Чепрагин рассмеялся, услышав это объяснение. Унять смех оказалось непросто — видно, вырвалось таким образом нервное напряжение, накопившееся за последние дни.
— Ну, — произнес он, наконец отсмеявшись. — Так как ты здесь оказался все-таки?
— А просто, — меланхолично ответил сержант, одной затяжкой добивая обе свои сигареты. — Дал подполковнику в морду.
Тут уж и Суворин не выдержал, расхохотался.
— Ты, Мирон, не мелочишься, как я посмотрю, — он удивленно покачал головой. — Чем подпол тебе не угодил-то?
Сержант принялся внимательно рассматривать собственную тень, лежавшую, словно смятый коврик, на каменной россыпи, обрывавшейся в бездну через каких-то двадцать-тридцать метров.
— К жене моей приставал, — неохотно произнес он в конце концов. — Она у меня тоже в Конторе работала. Отдел… — сержант поскреб затылок, сплюнул. — Аналитический, короче.
Суворин вздохнул. Жены у него никогда не было, но понять чувства сержанта было проще простого, если ты мужик, конечно же, а не тряпка.
— А жена-то что? — не утерпев, спросил Чепрагин. Он тоже не был женат, и ему было интересно, чем закончилась эта история.
— Жена? — словно припоминая, переспросил сержант. — Жена ему взаимностью отвечала — подполкан все-таки.
— Да ты что? — изумился лейтенант. — Чего ж тогда драться было?

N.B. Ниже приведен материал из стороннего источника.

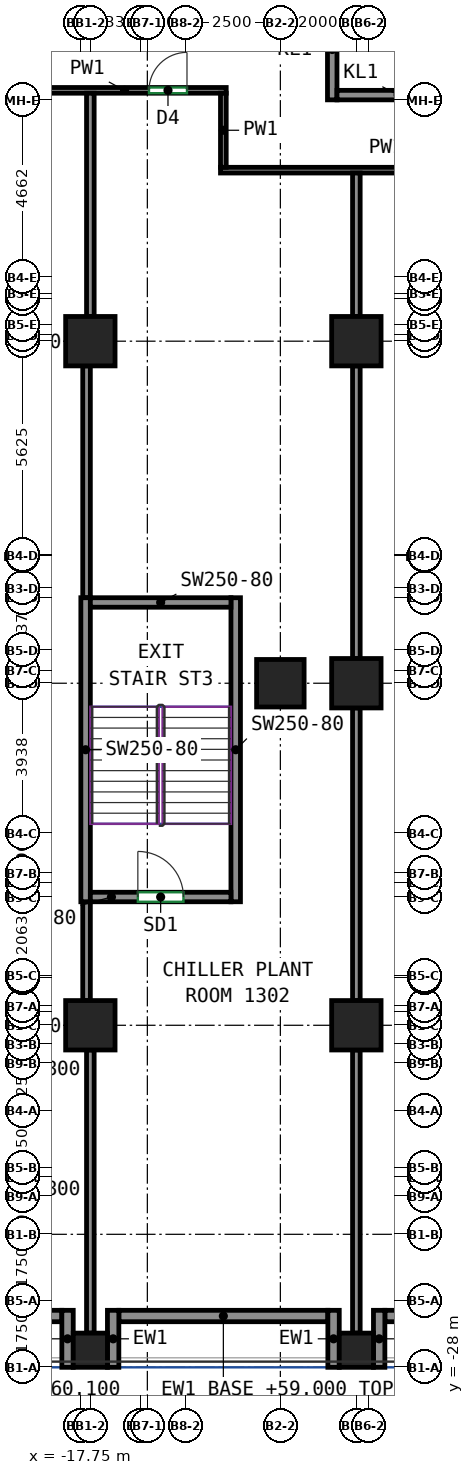
"""IFC4 building model, lengths in metres.
Left out: names, types, materials, properties, quantities, classifications, styles, units other than length and angle.
Written with IfcOpenShell. Run it as: python <this file> out.ifc"""

import sys

from ifc_helpers import new_model, si_unit, direction, frame, frame_2d, origin, origin_2d, place, context, subcontext, project, spatial, rectangle, extrude, source, transform, mapped, element, fill, save


model = new_model("IFC4")
c1 = context("Model", 3, precision=1e-05, world=origin(), true_north=direction((0.0, 1.0)))
c2 = subcontext(c1, "Body", "Model", "MODEL_VIEW")
j1 = project(units=[si_unit("LENGTHUNIT", "METRE"), si_unit("PLANEANGLEUNIT", "RADIAN")], contexts=[c1])
p1 = place(None, origin())
s1 = spatial("IfcSite", under=j1, at=p1, CompositionType="ELEMENT")
p2 = place(p1, origin())
s2 = spatial("IfcBuilding", under=s1, at=p2, CompositionType="ELEMENT")
p3 = place(p2, frame((0.0, 0.0, 59.0)))
s3 = spatial("IfcBuildingStorey", under=s2, at=p3, CompositionType="ELEMENT", Elevation=59.0)
m1 = source(origin(), c2, "Body", "SweptSolid", [
    extrude(rectangle(XDim=0.9, YDim=0.9, at=origin_2d()), origin(), (0.0, 0.0, 1.0), 2.3),
])
p4 = place(p3, frame((-17.5, -27.55, 0.0), z_axis=(0.0, 0.0, 1.0), x_axis=(1.0, 0.0, 0.0)))
e1 = element("IfcColumn", 1, at=p4, inside=s3, PredefinedType="COLUMN", context=c2, shape_type="MappedRepresentation", body=[
    mapped(m1, transform((0.0, 0.0, 0.0))),
])
m2 = source(origin(), c2, "Body", "SweptSolid", [
    extrude(rectangle(XDim=1.3, YDim=1.3, at=origin_2d()), origin(), (0.0, 0.0, 1.0), 2.3),
])
for number, where, z_axis, x_axis in (
    (2, (-17.5, -19.0, 0.0), (0.0, 0.0, 1.0), (1.0, 0.0, 0.0)),
    (3, (-17.5, -1.0, 0.0), (0.0, 0.0, 1.0), (1.0, 0.0, 0.0)),
):
    element("IfcColumn", number, at=place(p3, frame(where, z_axis=z_axis, x_axis=x_axis)), inside=s3, PredefinedType="COLUMN", context=c2, shape_type="MappedRepresentation", body=[
        mapped(m2, transform((0.0, 0.0, 0.0))),
    ])
p5 = place(p3, frame((-10.5, -27.55, 0.0), z_axis=(0.0, 0.0, 1.0), x_axis=(1.0, 0.0, 0.0)))
e4 = element("IfcColumn", 4, at=p5, inside=s3, PredefinedType="COLUMN", context=c2, shape_type="MappedRepresentation", body=[
    mapped(m1, transform((0.0, 0.0, 0.0))),
])
for number, where, z_axis, x_axis in (
    (5, (-10.5, -19.0, 0.0), (0.0, 0.0, 1.0), (1.0, 0.0, 0.0)),
    (6, (-10.5, -10.0, 0.0), (0.0, 0.0, 1.0), (1.0, 0.0, 0.0)),
    (7, (-10.5, -1.0, 0.0), (0.0, 0.0, 1.0), (1.0, 0.0, 0.0)),
):
    element("IfcColumn", number, at=place(p3, frame(where, z_axis=z_axis, x_axis=x_axis)), inside=s3, PredefinedType="COLUMN", context=c2, shape_type="MappedRepresentation", body=[
        mapped(m2, transform((0.0, 0.0, 0.0))),
    ])
m3 = source(origin(), c2, "Body", "SweptSolid", [
    extrude(rectangle(XDim=1.25, YDim=1.25, at=origin_2d()), origin(), (0.0, 0.0, 1.0), 3.8),
])
p6 = place(p3, frame((-12.5, -10.0, 0.0), z_axis=(0.0, 0.0, 1.0), x_axis=(1.0, 0.0, 0.0)))
e8 = element("IfcColumn", 8, at=p6, inside=s3, PredefinedType="COLUMN", context=c2, shape_type="MappedRepresentation", body=[
    mapped(m3, transform((0.0, 0.0, 0.0))),
])
m4 = source(origin(), c2, "Body", "SweptSolid", [
    extrude(rectangle(XDim=8.0, YDim=0.25, at=frame_2d((4.0, 0.0))), origin(), (0.0, 0.0, 1.0), 3.8),
])
for number, where, z_axis, x_axis in (
    (9, (-17.625, -15.75, 0.0), (0.0, 0.0, 1.0), (0.0, 1.0, 0.0)),
    (10, (-13.675, -15.75, 0.0), (0.0, 0.0, 1.0), (0.0, 1.0, 0.0)),
):
    element("IfcWall", number, at=place(p3, frame(where, z_axis=z_axis, x_axis=x_axis)), inside=s3, PredefinedType="SHEAR", context=c2, shape_type="MappedRepresentation", body=[
        mapped(m4, transform((0.0, 0.0, 0.0))),
    ])
m5 = source(origin(), c2, "Body", "SweptSolid", [
    extrude(rectangle(XDim=3.7, YDim=0.25, at=frame_2d((1.85, 0.0))), origin(), (0.0, 0.0, 1.0), 3.8),
])
p7 = place(p3, frame((-17.5, -15.625, 0.0), z_axis=(0.0, 0.0, 1.0), x_axis=(1.0, 0.0, 0.0)))
e11 = element("IfcWall", 11, at=p7, inside=s3, PredefinedType="SHEAR", context=c2, shape_type="MappedRepresentation", body=[
    mapped(m5, transform((0.0, 0.0, 0.0))),
])
p8 = place(p7, frame((1.25, 0.0, 0.0)))
e12 = element("IfcOpeningElement", 12, at=p8, cuts=e11, PredefinedType="OPENING", context=c2, shape_type="SweptSolid", body=[
    extrude(rectangle(XDim=1.2, YDim=2.1, at=frame_2d((0.6, 1.05))), frame((0.0, 0.135, 0.0), z_axis=(0.0, -1.0, 0.0), x_axis=(1.0, 0.0, 0.0)), (0.0, 0.0, 1.0), 0.27),
])
p9 = place(p3, frame((-17.5, -7.875, 0.0), z_axis=(0.0, 0.0, 1.0), x_axis=(1.0, 0.0, 0.0)))
e13 = element("IfcWall", 13, at=p9, inside=s3, PredefinedType="SHEAR", context=c2, shape_type="MappedRepresentation", body=[
    mapped(m5, transform((0.0, 0.0, 0.0))),
])
m6 = source(origin(), c2, "Body", "SweptSolid", [
    extrude(rectangle(XDim=5.5, YDim=0.3, at=frame_2d((2.75, 0.0))), origin(), (0.0, 0.0, 1.0), 1.1),
])
p10 = place(p3, frame((-23.75, -26.65, 0.0), z_axis=(0.0, 0.0, 1.0), x_axis=(1.0, 0.0, 0.0)))
e14 = element("IfcWall", 14, at=p10, inside=s3, PredefinedType="SOLIDWALL", context=c2, shape_type="MappedRepresentation", body=[
    mapped(m6, transform((0.0, 0.0, 0.0))),
])
m7 = source(origin(), c2, "Body", "SweptSolid", [
    extrude(rectangle(XDim=1.5, YDim=0.3, at=frame_2d((0.75, 0.0))), origin(), (0.0, 0.0, 1.0), 2.3),
])
p11 = place(p3, frame((-18.1, -28.0, 0.0), z_axis=(0.0, 0.0, 1.0), x_axis=(0.0, 1.0, 0.0)))
e15 = element("IfcWall", 15, at=p11, inside=s3, PredefinedType="SOLIDWALL", context=c2, shape_type="MappedRepresentation", body=[
    mapped(m7, transform((0.0, 0.0, 0.0))),
])
p12 = place(p3, frame((-16.75, -26.65, 0.0), z_axis=(0.0, 0.0, 1.0), x_axis=(1.0, 0.0, 0.0)))
e16 = element("IfcWall", 16, at=p12, inside=s3, PredefinedType="SOLIDWALL", context=c2, shape_type="MappedRepresentation", body=[
    mapped(m6, transform((0.0, 0.0, 0.0))),
])
for number, where, z_axis, x_axis in (
    (17, (-16.9, -28.0, 0.0), (0.0, 0.0, 1.0), (0.0, 1.0, 0.0)),
    (18, (-11.1, -28.0, 0.0), (0.0, 0.0, 1.0), (0.0, 1.0, 0.0)),
):
    element("IfcWall", number, at=place(p3, frame(where, z_axis=z_axis, x_axis=x_axis)), inside=s3, PredefinedType="SOLIDWALL", context=c2, shape_type="MappedRepresentation", body=[
        mapped(m7, transform((0.0, 0.0, 0.0))),
    ])
p13 = place(p3, frame((-9.75, -26.65, 0.0), z_axis=(0.0, 0.0, 1.0), x_axis=(1.0, 0.0, 0.0)))
e19 = element("IfcWall", 19, at=p13, inside=s3, PredefinedType="SOLIDWALL", context=c2, shape_type="MappedRepresentation", body=[
    mapped(m6, transform((0.0, 0.0, 0.0))),
])
p14 = place(p3, frame((-9.9, -28.0, 0.0), z_axis=(0.0, 0.0, 1.0), x_axis=(0.0, 1.0, 0.0)))
e20 = element("IfcWall", 20, at=p14, inside=s3, PredefinedType="SOLIDWALL", context=c2, shape_type="MappedRepresentation", body=[
    mapped(m7, transform((0.0, 0.0, 0.0))),
])
m8 = source(origin(), c2, "Body", "SweptSolid", [
    extrude(rectangle(XDim=2.65, YDim=0.25, at=frame_2d((1.325, 0.0))), origin(), (0.0, 0.0, 1.0), 3.8),
])
p15 = place(p3, frame((-11.135, 5.35, 0.0), z_axis=(0.0, 0.0, 1.0), x_axis=(0.0, 1.0, 0.0)))
e21 = element("IfcWall", 21, at=p15, inside=s3, PredefinedType="PARTITIONING", context=c2, shape_type="MappedRepresentation", body=[
    mapped(m8, transform((0.0, 0.0, 0.0))),
])
m9 = source(origin(), c2, "Body", "SweptSolid", [
    extrude(rectangle(XDim=5.36, YDim=0.25, at=frame_2d((2.68, 0.0))), origin(), (0.0, 0.0, 1.0), 3.8),
])
p16 = place(p3, frame((-11.01, 5.475, 0.0), z_axis=(0.0, 0.0, 1.0), x_axis=(1.0, 0.0, 0.0)))
e22 = element("IfcWall", 22, at=p16, inside=s3, PredefinedType="PARTITIONING", context=c2, shape_type="MappedRepresentation", body=[
    mapped(m9, transform((0.0, 0.0, 0.0))),
])
p17 = place(p16, frame((2.28, 0.0, 0.0)))
e23 = element("IfcOpeningElement", 23, at=p17, cuts=e22, PredefinedType="OPENING", context=c2, shape_type="SweptSolid", body=[
    extrude(rectangle(XDim=0.8, YDim=2.0, at=frame_2d((0.4, 1.0))), frame((0.0, 0.135, 0.0), z_axis=(0.0, -1.0, 0.0), x_axis=(1.0, 0.0, 0.0)), (0.0, 0.0, 1.0), 0.27),
])
p18 = place(p3, frame((-19.275, 5.6, 0.0), z_axis=(0.0, 0.0, 1.0), x_axis=(1.0, 0.0, 0.0)))
e24 = element("IfcWall", 24, at=p18, inside=s3, PredefinedType="PARTITIONING", context=c2, shape_type="SweptSolid", body=[
    extrude(rectangle(XDim=5.35, YDim=0.15, at=frame_2d((2.675, 0.0))), origin(), (0.0, 0.0, 1.0), 3.8),
])
p19 = place(p18, frame((3.318, 0.0, 0.0)))
e25 = element("IfcOpeningElement", 25, at=p19, cuts=e24, PredefinedType="OPENING", context=c2, shape_type="SweptSolid", body=[
    extrude(rectangle(XDim=1.0, YDim=2.1, at=frame_2d((0.5, 1.05))), frame((0.0, 0.085, 0.0), z_axis=(0.0, -1.0, 0.0), x_axis=(1.0, 0.0, 0.0)), (0.0, 0.0, 1.0), 0.17),
])
p20 = place(p3, frame((-14.075, 3.5, 0.0), z_axis=(0.0, 0.0, 1.0), x_axis=(1.0, 0.0, 0.0)))
e26 = element("IfcWall", 26, at=p20, inside=s3, PredefinedType="PARTITIONING", context=c2, shape_type="SweptSolid", body=[
    extrude(rectangle(XDim=10.675, YDim=0.15, at=frame_2d((5.337, 0.0))), origin(), (0.0, 0.0, 1.0), 3.8),
])
p21 = place(p20, frame((8.874, 0.0, 0.0)))
e27 = element("IfcOpeningElement", 27, at=p21, cuts=e26, PredefinedType="OPENING", context=c2, shape_type="SweptSolid", body=[
    extrude(rectangle(XDim=1.0, YDim=2.1, at=frame_2d((0.5, 1.05))), frame((0.0, 0.085, 0.0), z_axis=(0.0, -1.0, 0.0), x_axis=(1.0, 0.0, 0.0)), (0.0, 0.0, 1.0), 0.17),
])
p22 = place(p3, frame((-14.0, 5.525, 0.0), z_axis=(0.0, 0.0, 1.0), x_axis=(0.0, -1.0, 0.0)))
e28 = element("IfcWall", 28, at=p22, inside=s3, PredefinedType="PARTITIONING", context=c2, shape_type="SweptSolid", body=[
    extrude(rectangle(XDim=1.95, YDim=0.15, at=frame_2d((0.975, 0.0))), origin(), (0.0, 0.0, 1.0), 3.8),
])
p23 = place(p3, frame((-17.5, -0.35, 0.0), z_axis=(0.0, 0.0, 1.0), x_axis=(0.0, 1.0, 0.0)))
e29 = element("IfcWall", 29, at=p23, inside=s3, PredefinedType="PARTITIONING", context=c2, shape_type="SweptSolid", body=[
    extrude(rectangle(XDim=5.874, YDim=0.2, at=frame_2d((2.937, 0.0))), origin(), (0.0, 0.0, 1.0), 3.8),
])
p24 = place(p3, frame((-17.6, -7.75, 0.0), z_axis=(0.0, 0.0, 1.0), x_axis=(0.0, 1.0, 0.0)))
e30 = element("IfcWall", 30, at=p24, inside=s3, PredefinedType="PARTITIONING", context=c2, shape_type="SweptSolid", body=[
    extrude(rectangle(XDim=6.1, YDim=0.2, at=frame_2d((3.05, 0.0))), origin(), (0.0, 0.0, 1.0), 3.8),
])
p25 = place(p3, frame((-17.6, -18.35, 0.0), z_axis=(0.0, 0.0, 1.0), x_axis=(0.0, 1.0, 0.0)))
e31 = element("IfcWall", 31, at=p25, inside=s3, PredefinedType="PARTITIONING", context=c2, shape_type="SweptSolid", body=[
    extrude(rectangle(XDim=2.6, YDim=0.2, at=frame_2d((1.3, 0.0))), origin(), (0.0, 0.0, 1.0), 3.8),
])
p26 = place(p3, frame((-17.5, -27.1, 0.0), z_axis=(0.0, 0.0, 1.0), x_axis=(0.0, 1.0, 0.0)))
e32 = element("IfcWall", 32, at=p26, inside=s3, PredefinedType="PARTITIONING", context=c2, shape_type="SweptSolid", body=[
    extrude(rectangle(XDim=7.45, YDim=0.2, at=frame_2d((3.725, 0.0))), origin(), (0.0, 0.0, 1.0), 3.8),
])
p27 = place(p3, frame((-10.5, -0.35, 0.0), z_axis=(0.0, 0.0, 1.0), x_axis=(0.0, 1.0, 0.0)))
e33 = element("IfcWall", 33, at=p27, inside=s3, PredefinedType="PARTITIONING", context=c2, shape_type="SweptSolid", body=[
    extrude(rectangle(XDim=3.774, YDim=0.2, at=frame_2d((1.887, 0.0))), origin(), (0.0, 0.0, 1.0), 3.8),
])
for number, where, z_axis, x_axis in (
    (34, (-10.5, -9.35, 0.0), (0.0, 0.0, 1.0), (0.0, 1.0, 0.0)),
    (35, (-10.5, -18.35, 0.0), (0.0, 0.0, 1.0), (0.0, 1.0, 0.0)),
):
    element("IfcWall", number, at=place(p3, frame(where, z_axis=z_axis, x_axis=x_axis)), inside=s3, PredefinedType="PARTITIONING", context=c2, shape_type="SweptSolid", body=[
        extrude(rectangle(XDim=7.7, YDim=0.2, at=frame_2d((3.85, 0.0))), origin(), (0.0, 0.0, 1.0), 3.8),
    ])
p28 = place(p3, frame((-10.5, -27.1, 0.0), z_axis=(0.0, 0.0, 1.0), x_axis=(0.0, 1.0, 0.0)))
e36 = element("IfcWall", 36, at=p28, inside=s3, PredefinedType="PARTITIONING", context=c2, shape_type="SweptSolid", body=[
    extrude(rectangle(XDim=7.45, YDim=0.2, at=frame_2d((3.725, 0.0))), origin(), (0.0, 0.0, 1.0), 3.8),
])
p29 = place(p8, origin())
e37 = element("IfcDoor", 37, at=p29, inside=s3, OperationType="DOUBLE_DOOR_SINGLE_SWING", PredefinedType="DOOR", context=c2, shape_type="SweptSolid", body=[
    extrude(rectangle(XDim=1.2, YDim=2.1, at=frame_2d((0.6, 1.05))), frame((0.0, 0.025, 0.0), z_axis=(0.0, -1.0, 0.0), x_axis=(1.0, 0.0, 0.0)), (0.0, 0.0, 1.0), 0.05),
])
fill(e12, e37)
p30 = place(p19, origin())
e38 = element("IfcDoor", 38, at=p30, inside=s3, OperationType="SINGLE_SWING_RIGHT", PredefinedType="DOOR", context=c2, shape_type="SweptSolid", body=[
    extrude(rectangle(XDim=1.0, YDim=2.1, at=frame_2d((0.5, 1.05))), frame((0.0, 0.025, 0.0), z_axis=(0.0, -1.0, 0.0), x_axis=(1.0, 0.0, 0.0)), (0.0, 0.0, 1.0), 0.05),
])
fill(e25, e38)
save(model, sys.argv[1])

— “Чего”, — передразнил его Шумилов. — Вырастешь — узнаешь. Честь мужская — не коврик на пороге, ног не вытрешь. Я ее не трогал — это, в конце концов, не моя проблема. Но чтоб в моей постели подполкан заблудный валялся… Зуб я ему выбил, короче, — и, помолчав секунду, добавил:
— Да еще ребра поломал.
— Ну, а Чечня здесь причем? — недоуменно спросил Чепрагин через несколько минут, видя, что сержант вроде как не собирается продолжать.
— Чтобы по судам меня не таскать да дело это не вытаскивать на свет божий — подполковник ведь тоже замарался — “опустили” меня в звании да сюда отправили, — Шумилов вздохнул. — Подозреваю, что не обошлось тут без моей благоверной… Из тюрьмы я бы точно вернулся, а вот из Чечни — так, видно, думала.
Сержант сокрушенно покачал головой и понурился.
— А какое же у тебя звание было, а, Мирон? — спросил его Панкрат.
— Капитаном был, — коротко ответил тот. Чепрагин удивленно поднял брови:
— Так ты, выходит…
— Ага, — кивнул Шумилов, напыжившись. — Я тут самый крутой. Так что построились — и жрать, шагом марш!
Суворин при этих словах ощутил, как заурчало в желудке.
— Ты знаешь, Мирон, не мешало бы, — поддержал он инициативу сержанта. — Так что, если Петрович не против…
— Не против, не против, — отозвался лейтенант. — Опять куропатка?
Шумилов хмыкнул и, опираясь на трость, поднялся с камня.